Congratulations, you have initiated session! But having so many options, which cryptocurrency would you buy on the exchange?
Take some time to do research, even if it’s just a little bit. Look at the crypto website and their proposal, their market cap, look at rankings, check the information available in your exchange. Beware! There are many rubbish coins, that will most probably make you lose the investment.
Now you are the proud owner of coins. The next step is to choose a wallet
If you are going to sell soon, in this case a hot wallet (a well known one!) it’s a good option. Leaving coins in the exchange is an option if you have pending transactions (e.g., buy or sell orders) However, for long time investments, we prefer cold wallets. No question about it.
You can read more about wallets here, but our overall advice is to use a cold wallet.

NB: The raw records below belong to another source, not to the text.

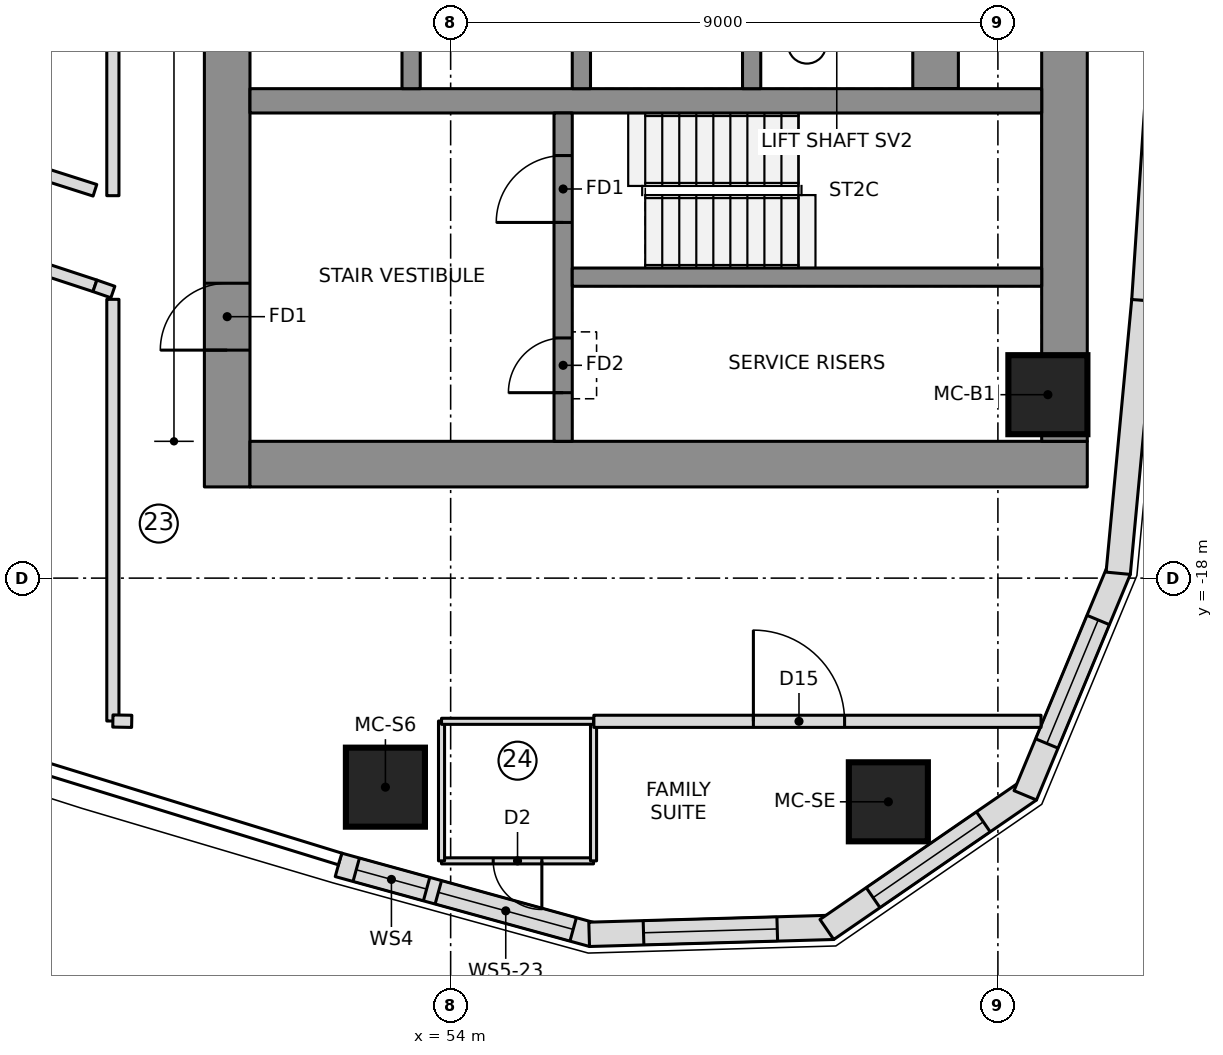
"""IFC4 building model, lengths in metres.
Left out: names, types, materials, properties, quantities, classifications, styles, units other than length and angle.
Written with IfcOpenShell. Run it as: python <this file> out.ifc"""

import sys

from ifc_helpers import new_model, si_unit, direction, frame, frame_2d, origin, origin_2d, place, context, subcontext, project, spatial, polyline, rectangle, outline, extrude, element, fill, save


model = new_model("IFC4")
c1 = context("Model", 3, precision=1e-05, world=origin(), true_north=direction((0.0, 1.0)))
c2 = subcontext(c1, "Body", "Model", "MODEL_VIEW")
j1 = project(units=[si_unit("LENGTHUNIT", "METRE"), si_unit("PLANEANGLEUNIT", "RADIAN")], contexts=[c1])
p1 = place(None, origin())
s1 = spatial("IfcSite", under=j1, at=p1, CompositionType="ELEMENT")
p2 = place(p1, origin())
s2 = spatial("IfcBuilding", under=s1, at=p2, CompositionType="ELEMENT")
p3 = place(p2, frame((0.0, 0.0, 207.45)))
s3 = spatial("IfcBuildingStorey", under=s2, at=p3, CompositionType="ELEMENT", Elevation=207.45)
p4 = place(p3, frame((50.325, -16.5, 0.0), z_axis=(0.0, 0.0, 1.0), x_axis=(0.0, 1.0, 0.0)))
e1 = element("IfcWall", 1, at=p4, inside=s3, PredefinedType="SHEAR", context=c2, shape_type="SweptSolid", body=[
    extrude(rectangle(XDim=9.85, YDim=0.75, at=frame_2d((4.925, 0.0))), origin(), (0.0, 0.0, 1.0), 3.55),
])
p5 = place(p4, frame((2.25, 0.0, 0.0)))
e2 = element("IfcOpeningElement", 2, at=p5, cuts=e1, PredefinedType="OPENING", context=c2, shape_type="SweptSolid", body=[
    extrude(rectangle(XDim=1.1, YDim=2.1, at=frame_2d((0.55, 1.05))), frame((0.0, 0.385, 0.0), z_axis=(0.0, -1.0, 0.0), x_axis=(1.0, 0.0, 0.0)), (0.0, 0.0, 1.0), 0.77),
])
p6 = place(p3, frame((50.7, -16.125, 0.0), z_axis=(0.0, 0.0, 1.0), x_axis=(1.0, 0.0, 0.0)))
e3 = element("IfcWall", 3, at=p6, inside=s3, PredefinedType="SHEAR", context=c2, shape_type="SweptSolid", body=[
    extrude(rectangle(XDim=13.77, YDim=0.75, at=frame_2d((6.885, 0.0))), origin(), (0.0, 0.0, 1.0), 3.55),
])
p7 = place(p3, frame((64.095, -15.75, 0.0), z_axis=(0.0, 0.0, 1.0), x_axis=(0.0, 1.0, 0.0)))
e4 = element("IfcWall", 4, at=p7, inside=s3, PredefinedType="SHEAR", context=c2, shape_type="SweptSolid", body=[
    extrude(rectangle(XDim=7.651, YDim=0.75, at=frame_2d((3.825, 0.0))), origin(), (0.0, 0.0, 1.0), 3.55),
])
p8 = place(p3, frame((61.975, -9.95, 0.0), z_axis=(0.0, 0.0, 1.0), x_axis=(0.0, 1.0, 0.0)))
e5 = element("IfcWall", 5, at=p8, inside=s3, PredefinedType="SHEAR", context=c2, shape_type="SweptSolid", body=[
    extrude(rectangle(XDim=19.9, YDim=0.75, at=frame_2d((9.95, 0.0))), origin(), (0.0, 0.0, 1.0), 3.55),
])
p9 = place(p3, frame((50.7, -10.15, 0.0), z_axis=(0.0, 0.0, 1.0), x_axis=(1.0, 0.0, 0.0)))
e6 = element("IfcWall", 6, at=p9, inside=s3, PredefinedType="SHEAR", context=c2, shape_type="SweptSolid", body=[
    extrude(rectangle(XDim=13.02, YDim=0.4, at=frame_2d((6.51, 0.0))), origin(), (0.0, 0.0, 1.0), 3.55),
])
for number, where, z_axis, x_axis in (
    (7, (53.35, -9.95, 0.0), (0.0, 0.0, 1.0), (0.0, 1.0, 0.0)),
    (8, (56.15, -9.95, 0.0), (0.0, 0.0, 1.0), (0.0, 1.0, 0.0)),
    (9, (58.95, -9.95, 0.0), (0.0, 0.0, 1.0), (0.0, 1.0, 0.0)),
):
    element("IfcWall", number, at=place(p3, frame(where, z_axis=z_axis, x_axis=x_axis)), inside=s3, PredefinedType="SHEAR", context=c2, shape_type="SweptSolid", body=[
        extrude(rectangle(XDim=3.0, YDim=0.3, at=frame_2d((1.5, 0.0))), origin(), (0.0, 0.0, 1.0), 3.55),
    ])
p10 = place(p3, frame((55.85, -15.75, 0.0), z_axis=(0.0, 0.0, 1.0), x_axis=(0.0, 1.0, 0.0)))
e10 = element("IfcWall", 10, at=p10, inside=s3, PredefinedType="SHEAR", context=c2, shape_type="SweptSolid", body=[
    extrude(rectangle(XDim=5.4, YDim=0.3, at=frame_2d((2.7, 0.0))), origin(), (0.0, 0.0, 1.0), 3.55),
])
p11 = place(p10, frame((3.6, 0.0, 0.0)))
e11 = element("IfcOpeningElement", 11, at=p11, cuts=e10, PredefinedType="OPENING", context=c2, shape_type="SweptSolid", body=[
    extrude(rectangle(XDim=1.1, YDim=2.1, at=frame_2d((0.55, 1.05))), frame((0.0, 0.16, 0.0), z_axis=(0.0, -1.0, 0.0), x_axis=(1.0, 0.0, 0.0)), (0.0, 0.0, 1.0), 0.32),
])
p12 = place(p10, frame((0.8, 0.0, 0.0)))
e12 = element("IfcOpeningElement", 12, at=p12, cuts=e10, PredefinedType="OPENING", context=c2, shape_type="SweptSolid", body=[
    extrude(rectangle(XDim=0.9, YDim=2.1, at=frame_2d((0.45, 1.05))), frame((0.0, 0.16, 0.0), z_axis=(0.0, -1.0, 0.0), x_axis=(1.0, 0.0, 0.0)), (0.0, 0.0, 1.0), 0.32),
])
p13 = place(p3, frame((56.0, -13.05, 0.0), z_axis=(0.0, 0.0, 1.0), x_axis=(1.0, 0.0, 0.0)))
e13 = element("IfcWall", 13, at=p13, inside=s3, PredefinedType="SHEAR", context=c2, shape_type="SweptSolid", body=[
    extrude(rectangle(XDim=7.72, YDim=0.3, at=frame_2d((3.86, 0.0))), origin(), (0.0, 0.0, 1.0), 3.55),
])
for number, where, z_axis, x_axis in (
    (14, (52.927, -21.438, 0.0), (0.0, 0.0, 1.0), (1.0, 0.0, 0.0)),
    (15, (61.198, -21.679, 0.0), (0.0, 0.0, 1.0), (1.0, 0.0, 0.0)),
    (16, (63.822, -14.983, 0.0), (0.0, 0.0, 1.0), (1.0, 0.0, 0.0)),
):
    element("IfcColumn", number, at=place(p3, frame(where, z_axis=z_axis, x_axis=x_axis)), inside=s3, PredefinedType="COLUMN", context=c2, shape_type="SweptSolid", body=[
        extrude(rectangle(XDim=1.3, YDim=1.3, at=origin_2d()), origin(), (0.0, 0.0, 1.0), 3.55),
    ])
p14 = place(p3, frame((52.155, -22.716, 0.0), z_axis=(0.0, 0.0, 1.0), x_axis=(0.964205755089, -0.265155165617, 0.0)))
e17 = element("IfcWall", 17, at=p14, inside=s3, PredefinedType="NOTDEFINED", context=c2, shape_type="SweptSolid", body=[
    extrude(outline(polyline([(0.0, -0.2), (4.337, -0.2), (4.277, 0.2), (0.0, 0.2), (0.0, -0.2)])), origin(), (0.0, 0.0, 1.0), 3.25),
])
p15 = place(p14, frame((0.303, 0.0, 0.9)))
e18 = element("IfcOpeningElement", 18, at=p15, cuts=e17, PredefinedType="OPENING", context=c2, shape_type="SweptSolid", body=[
    extrude(rectangle(XDim=1.2, YDim=1.8, at=frame_2d((0.6, 0.9))), frame((0.0, 0.21, 0.0), z_axis=(0.0, -1.0, 0.0), x_axis=(1.0, 0.0, 0.0)), (0.0, 0.0, 1.0), 0.42),
])
p16 = place(p14, frame((1.704, 0.0, 0.9)))
e19 = element("IfcOpeningElement", 19, at=p16, cuts=e17, PredefinedType="OPENING", context=c2, shape_type="SweptSolid", body=[
    extrude(rectangle(XDim=2.3, YDim=1.8, at=frame_2d((1.15, 0.9))), frame((0.0, 0.21, 0.0), z_axis=(0.0, -1.0, 0.0), x_axis=(1.0, 0.0, 0.0)), (0.0, 0.0, 1.0), 0.42),
])
p17 = place(p3, frame((56.308, -23.858, 0.0), z_axis=(0.0, 0.0, 1.0), x_axis=(0.999587920197, 0.028705222472, 0.0)))
e20 = element("IfcWall", 20, at=p17, inside=s3, PredefinedType="NOTDEFINED", context=c2, shape_type="SweptSolid", body=[
    extrude(outline(polyline([(-0.03, -0.2), (3.989, -0.2), (3.87, 0.2), (0.03, 0.2), (-0.03, -0.2)])), origin(), (0.0, 0.0, 1.0), 3.25),
])
p18 = place(p17, frame((0.865, 0.0, 0.6)))
e21 = element("IfcOpeningElement", 21, at=p18, cuts=e20, PredefinedType="OPENING", context=c2, shape_type="SweptSolid", body=[
    extrude(outline(polyline([(0.0, 1.35), (0.084, 1.771), (0.322, 2.128), (0.679, 2.366), (1.1, 2.45), (1.521, 2.366), (1.878, 2.128), (2.116, 1.771), (2.2, 1.35), (2.2, 1.1), (2.116, 0.679), (1.878, 0.322), (1.521, 0.084), (1.1, 0.0), (0.679, 0.084), (0.322, 0.322), (0.084, 0.679), (0.0, 1.1), (0.0, 1.35)])), frame((0.0, 0.21, 0.0), z_axis=(0.0, -1.0, 0.0), x_axis=(1.0, 0.0, 0.0)), (0.0, 0.0, 1.0), 0.42),
])
p19 = place(p3, frame((60.236, -23.745, 0.0), z_axis=(0.0, 0.0, 1.0), x_axis=(0.823806162588, 0.566871596115, 0.0)))
e22 = element("IfcWall", 22, at=p19, inside=s3, PredefinedType="NOTDEFINED", context=c2, shape_type="SweptSolid", body=[
    extrude(outline(polyline([(-0.059, -0.2), (3.988, -0.2), (3.87, 0.2), (0.059, 0.2), (-0.059, -0.2)])), origin(), (0.0, 0.0, 1.0), 3.25),
])
p20 = place(p19, frame((0.865, 0.0, 0.6)))
e23 = element("IfcOpeningElement", 23, at=p20, cuts=e22, PredefinedType="OPENING", context=c2, shape_type="SweptSolid", body=[
    extrude(outline(polyline([(0.0, 1.35), (0.084, 1.771), (0.322, 2.128), (0.679, 2.366), (1.1, 2.45), (1.521, 2.366), (1.878, 2.128), (2.116, 1.771), (2.2, 1.35), (2.2, 1.1), (2.116, 0.679), (1.878, 0.322), (1.521, 0.084), (1.1, 0.0), (0.679, 0.084), (0.322, 0.322), (0.084, 0.679), (0.0, 1.1), (0.0, 1.35)])), frame((0.0, 0.21, 0.0), z_axis=(0.0, -1.0, 0.0), x_axis=(1.0, 0.0, 0.0)), (0.0, 0.0, 1.0), 0.42),
])
p21 = place(p3, frame((63.472, -21.518, 0.0), z_axis=(0.0, 0.0, 1.0), x_axis=(0.383997619794, 0.923334082547, 0.0)))
e24 = element("IfcWall", 24, at=p21, inside=s3, PredefinedType="NOTDEFINED", context=c2, shape_type="SweptSolid", body=[
    extrude(outline(polyline([(-0.059, -0.2), (3.959, -0.2), (3.899, 0.2), (0.059, 0.2), (-0.059, -0.2)])), origin(), (0.0, 0.0, 1.0), 3.25),
])
p22 = place(p21, frame((0.865, 0.0, 0.6)))
e25 = element("IfcOpeningElement", 25, at=p22, cuts=e24, PredefinedType="OPENING", context=c2, shape_type="SweptSolid", body=[
    extrude(outline(polyline([(0.0, 1.35), (0.084, 1.771), (0.322, 2.128), (0.679, 2.366), (1.1, 2.45), (1.521, 2.366), (1.878, 2.128), (2.116, 1.771), (2.2, 1.35), (2.2, 1.1), (2.116, 0.679), (1.878, 0.322), (1.521, 0.084), (1.1, 0.0), (0.679, 0.084), (0.322, 0.322), (0.084, 0.679), (0.0, 1.1), (0.0, 1.35)])), frame((0.0, 0.21, 0.0), z_axis=(0.0, -1.0, 0.0), x_axis=(1.0, 0.0, 0.0)), (0.0, 0.0, 1.0), 0.42),
])
p23 = place(p3, frame((64.981, -17.89, 0.0), z_axis=(0.0, 0.0, 1.0), x_axis=(0.093605694738, 0.995609348044, 0.0)))
e26 = element("IfcWall", 26, at=p23, inside=s3, PredefinedType="NOTDEFINED", context=c2, shape_type="SweptSolid", body=[
    extrude(outline(polyline([(-0.03, -0.2), (4.484, -0.2), (4.478, 0.2), (0.03, 0.2), (-0.03, -0.2)])), origin(), (0.0, 0.0, 1.0), 3.25),
])
p24 = place(p3, frame((65.401, -13.429, 0.0), z_axis=(0.0, 0.0, 1.0), x_axis=(0.066905935948, 0.997759287471, 0.0)))
e27 = element("IfcWall", 27, at=p24, inside=s3, PredefinedType="NOTDEFINED", context=c2, shape_type="SweptSolid", body=[
    extrude(outline(polyline([(-0.003, -0.2), (4.484, -0.2), (4.478, 0.2), (0.003, 0.2), (-0.003, -0.2)])), origin(), (0.0, 0.0, 1.0), 3.25),
])
p25 = place(p3, frame((56.35, -22.65, 0.0), z_axis=(0.0, 0.0, 1.0), x_axis=(-1.0, 0.0, 0.0)))
e28 = element("IfcWall", 28, at=p25, inside=s3, PredefinedType="PARTITIONING", context=c2, shape_type="SweptSolid", body=[
    extrude(rectangle(XDim=2.5, YDim=0.1, at=frame_2d((1.25, 0.0))), origin(), (0.0, 0.0, 1.0), 3.15),
])
p26 = place(p25, frame((0.85, 0.0, 0.0)))
e29 = element("IfcOpeningElement", 29, at=p26, cuts=e28, PredefinedType="OPENING", context=c2, shape_type="SweptSolid", body=[
    extrude(rectangle(XDim=0.8, YDim=2.1, at=frame_2d((0.4, 1.05))), frame((0.0, 0.06, 0.0), z_axis=(0.0, -1.0, 0.0), x_axis=(1.0, 0.0, 0.0)), (0.0, 0.0, 1.0), 0.12),
])
for number, where, z_axis, x_axis in (
    (30, (53.85, -22.65, 0.0), (0.0, 0.0, 1.0), (0.0, 1.0, 0.0)),
    (31, (56.35, -20.35, 0.0), (0.0, 0.0, 1.0), (0.0, -1.0, 0.0)),
):
    element("IfcWall", number, at=place(p3, frame(where, z_axis=z_axis, x_axis=x_axis)), inside=s3, PredefinedType="PARTITIONING", context=c2, shape_type="SweptSolid", body=[
        extrude(rectangle(XDim=2.3, YDim=0.1, at=frame_2d((1.15, 0.0))), origin(), (0.0, 0.0, 1.0), 3.15),
    ])
p27 = place(p3, frame((56.355, -20.355, 0.0), z_axis=(0.0, 0.0, 1.0), x_axis=(1.0, 0.0, 0.0)))
e32 = element("IfcWall", 32, at=p27, inside=s3, PredefinedType="PARTITIONING", context=c2, shape_type="SweptSolid", body=[
    extrude(rectangle(XDim=7.354, YDim=0.2, at=frame_2d((3.677, 0.0))), origin(), (0.0, 0.0, 1.0), 3.15),
])
p28 = place(p27, frame((2.624, 0.0, 0.0)))
e33 = element("IfcOpeningElement", 33, at=p28, cuts=e32, PredefinedType="OPENING", context=c2, shape_type="SweptSolid", body=[
    extrude(rectangle(XDim=1.5, YDim=2.1, at=frame_2d((0.75, 1.05))), frame((0.0, 0.11, 0.0), z_axis=(0.0, -1.0, 0.0), x_axis=(1.0, 0.0, 0.0)), (0.0, 0.0, 1.0), 0.22),
])
p29 = place(p3, frame((53.85, -20.355, 0.0), z_axis=(0.0, 0.0, 1.0), x_axis=(1.0, 0.0, 0.0)))
e34 = element("IfcWall", 34, at=p29, inside=s3, PredefinedType="PARTITIONING", context=c2, shape_type="SweptSolid", body=[
    extrude(rectangle(XDim=2.5, YDim=0.1, at=frame_2d((1.25, 0.0))), origin(), (0.0, 0.0, 1.0), 3.15),
])
p30 = place(p3, frame((43.026, -11.507, 0.0), z_axis=(0.0, 0.0, 1.0), x_axis=(0.949951949432, -0.312396052744, 0.0)))
e35 = element("IfcWall", 35, at=p30, inside=s3, PredefinedType="PARTITIONING", context=c2, shape_type="SweptSolid", body=[
    extrude(rectangle(XDim=5.394, YDim=0.2, at=frame_2d((2.697, 0.0))), origin(), (0.0, 0.0, 1.0), 3.15),
])
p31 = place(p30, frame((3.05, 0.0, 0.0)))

Usually, you pay fees every time you move your coins to and from your exchange, so make sure you plan the movements first, to avoid paying multiple fees.
As you noticed, all the above was carried out online… of course you used a safe web browser, correct?
Nowadays web browsers are like shoes, you use the one that’s better for the occasion (you won’t use the same shoes for running and for attending a wedding - we hope!) Our favourite safe web browser is Brave. This browser is encrypted, blocks trackers and ads, and is based on Chromium (Chrome’s open-source core layer).
Also, going back to crypto: if you join Brave’s rewards, you get paid crypto (BAT) for browsing. Brave will block all ads but the ones they have partnership with. You can then choose to monthly retrieve your BAT or, through the browser, you can donate them to registered website creators, like us.